陆文渊此时正在墙后,听见了这一切,他虽还是有些迷糊,但掏出了随身带着的针在手上一刺,疼痛让他清醒不少。
这群人是冲他来的,方才对话中他们分明是认识他母亲的,所以是陆家的人?陆枭?不,他下意识否定,陆枭知道他母亲在此处,那么不知道的又会是谁呢?陆明正吗?但外公说过他是冲着陆枭去的,怎么会?他脑中精光一闪,难道是那个老狐狸?
正在他观察时,突然听见西边声音嘈杂,那几人往那边跑去,“主子,有人在那边,穿着陆文渊的衣衫!”
陆文渊心惊,是谁?是宁毅吗?他转身准备顺着暗道下去,暗室门却被人打开了,他下意识攻击,却发现宁毅出现在眼前。
宁毅身上有很多刀痕,有几道痕迹深可见骨,可见来者下手之狠,他脸上苍白,身上的黑衣早就被鲜血浸透,他瞧见主子,声音嘶哑还带着些哭腔:“主子,我们快走,他们现在应该被引开了。”
陆文渊心道,估计是他兄弟假扮了他的模样引开追兵,所以他才这般伤感,看他伤势很重,他心下道,不知之后会不会拖累我。但转念一想,实在不行便在关键时刻当作肉盾也行,便一把将宁毅架起,走,我们从暗道离开。

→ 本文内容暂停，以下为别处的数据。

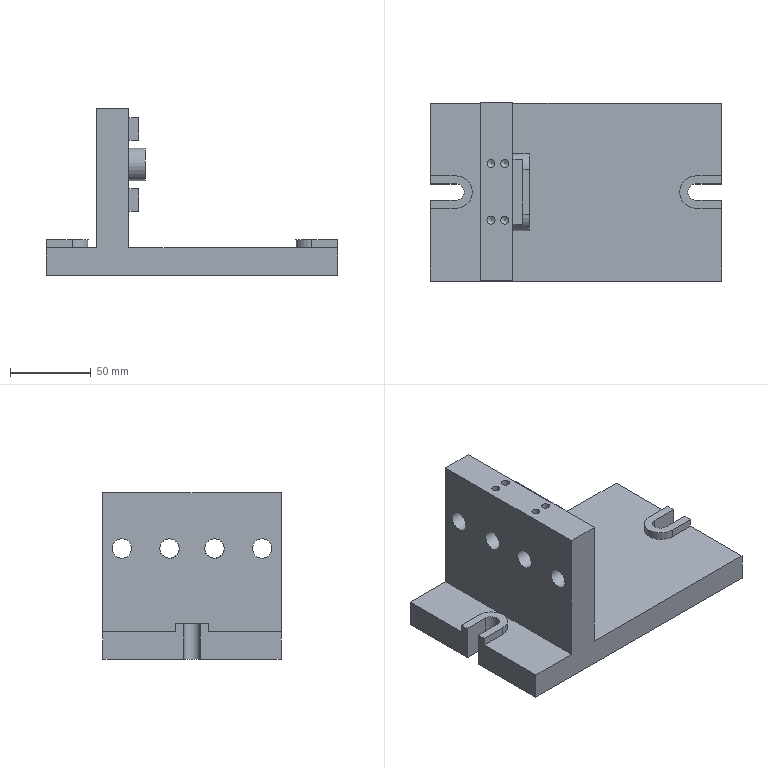Component | NX | FIXTURE_BODY | 1 solid | 61 faces | volume 524548 mm3 | plane 35 | cylinder 18 | cone 8 | commonest cylinder face diameters 4.826 x6 20 x4 12 x4 10 x2 5 x2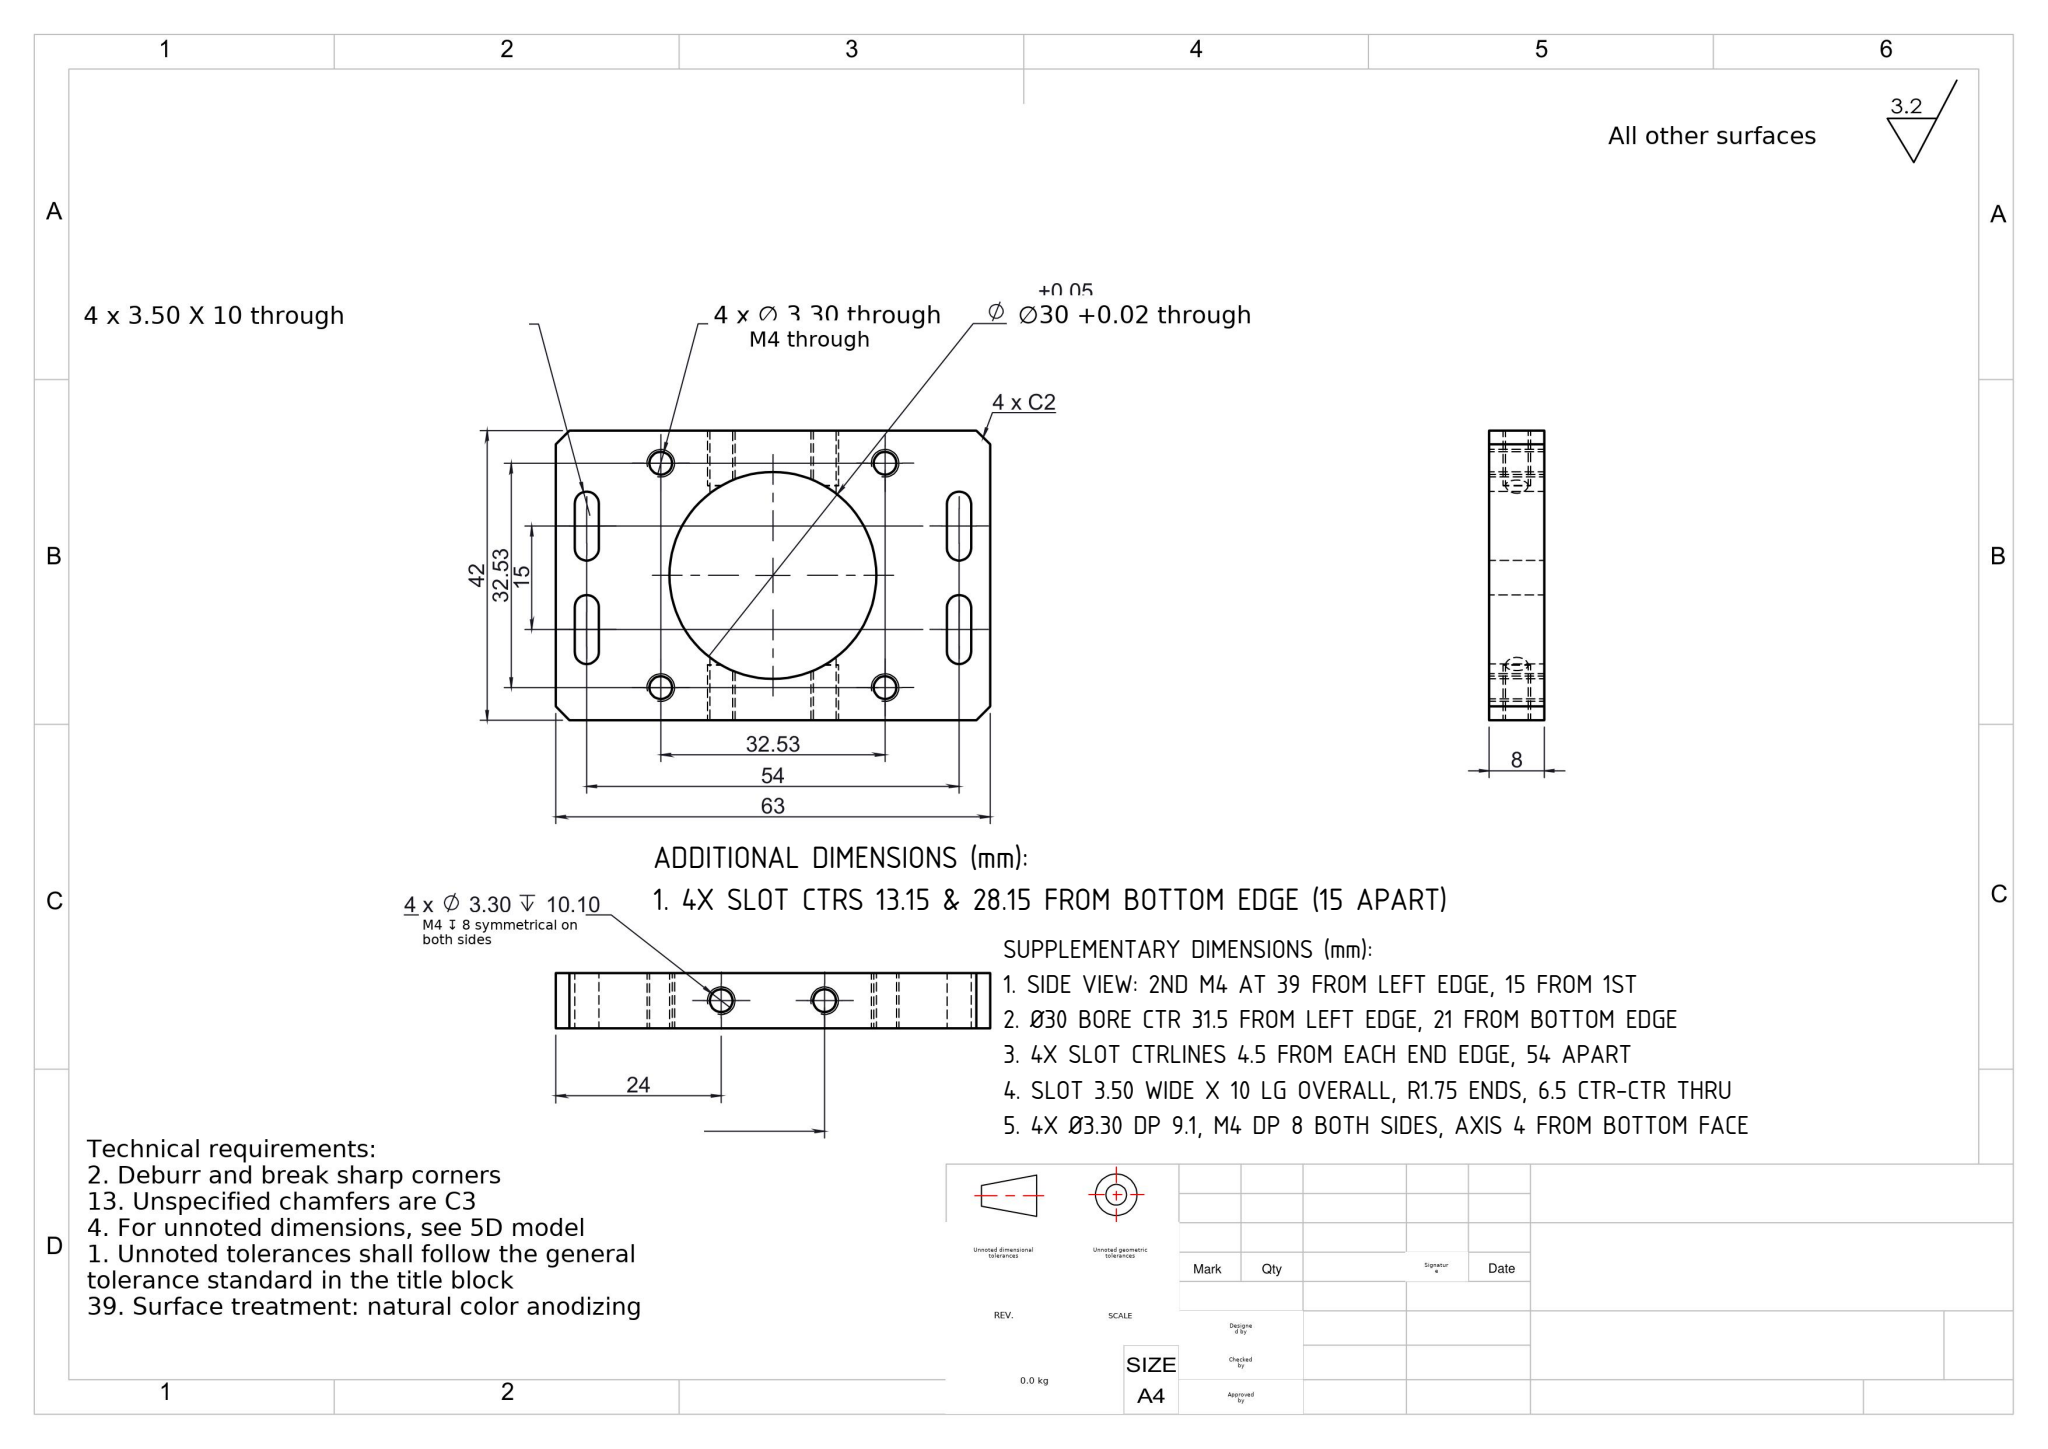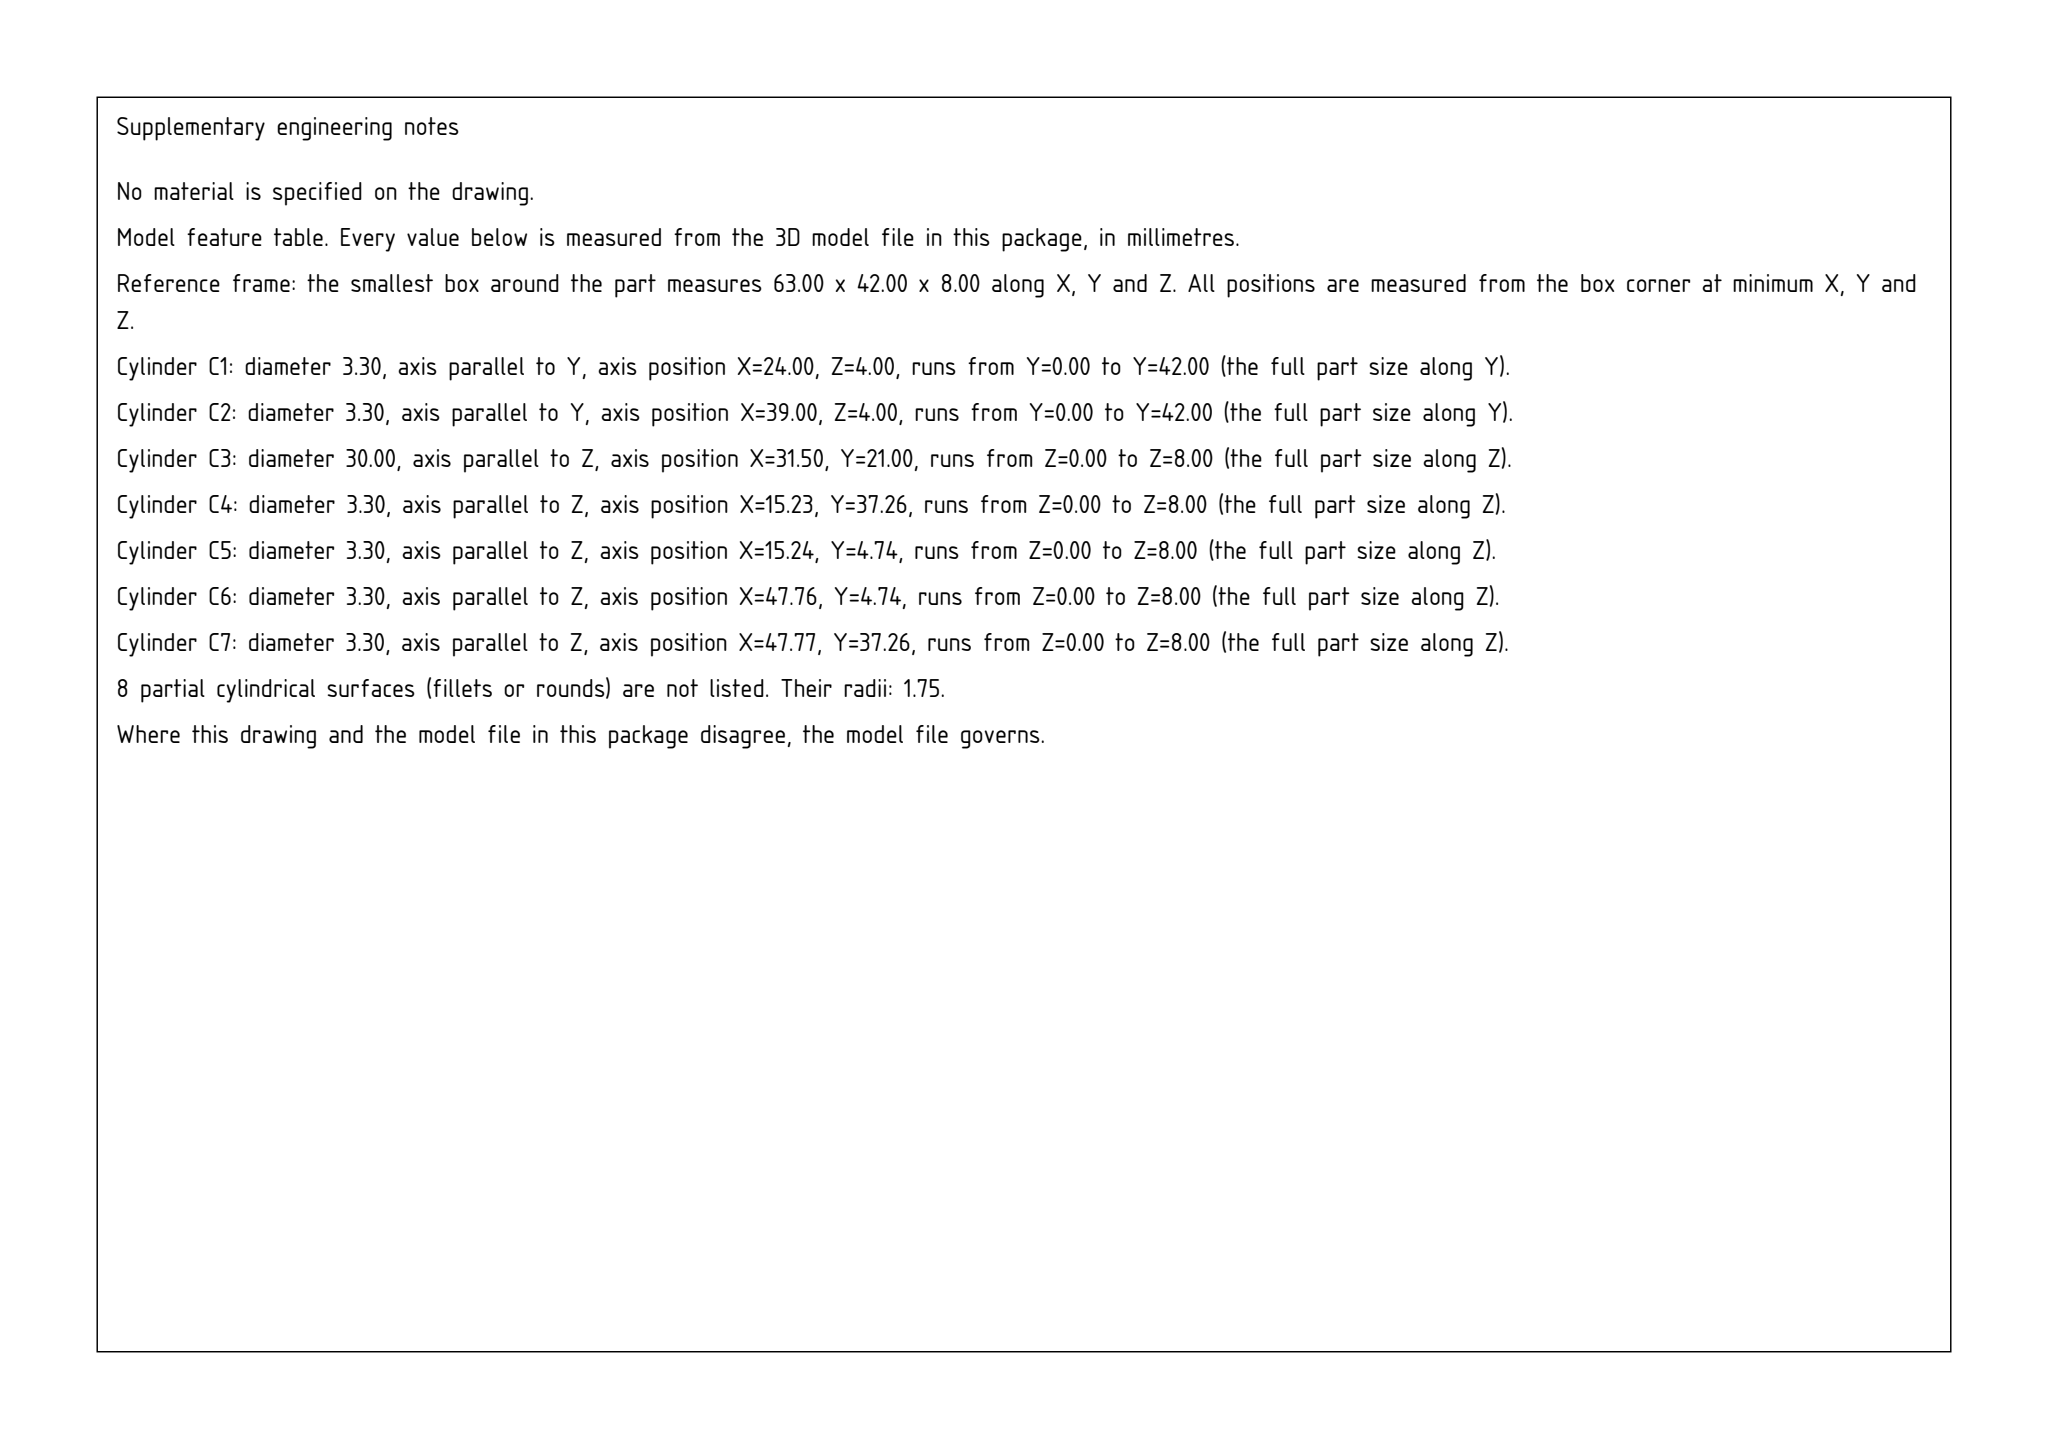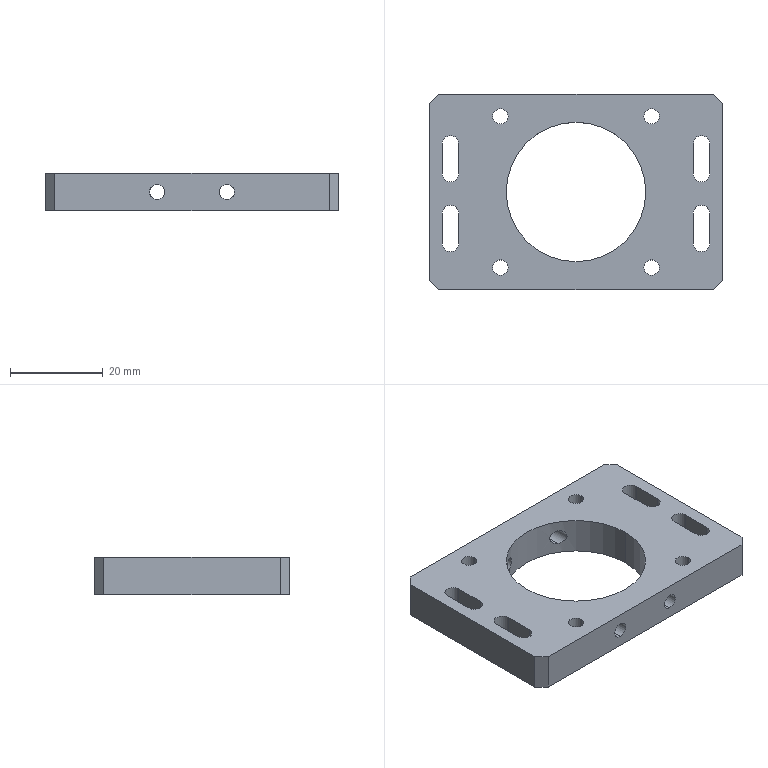Part | SolidWorks | mm | 1 solid | 44 faces | box 63 x 42 x 8 mm | volume 13864 mm3 | cylinder 26 | plane 18 | commonest cylinder face diameters 3.3 x16 3.5 x8 30 x2

宁毅不知他心中所想,见主子这举动更是感动,但心中又夹杂着浓浓的愧疚,想到方才一幕,眼泪更是混着血水留下,心中有些后悔答应了那人的要求,但又觉得“人不为己,天诛地灭。”
还好暗道幽深,陆文渊没有察觉到他的挣扎。
这暗道是直通山下,任那群人再聪明也不会发觉自己要抓的人已经偷偷溜走了。
一时间沉默无语,只剩下血腥味,陆文渊本就中了药,身上疲累,走了一半路程后就更觉得眼前人累赘,却在这时宁毅突然道:“主子,你知道是谁扮成你的模样引开视线的吗?”
宁毅对陆文渊一路的照顾实在是感动,他下定决定以命相报,所以他想着要不然此刻带公子回头,说不定还有活路可走。
听见这话,陆文渊有些不在乎的回答道:“是哪位兄弟?”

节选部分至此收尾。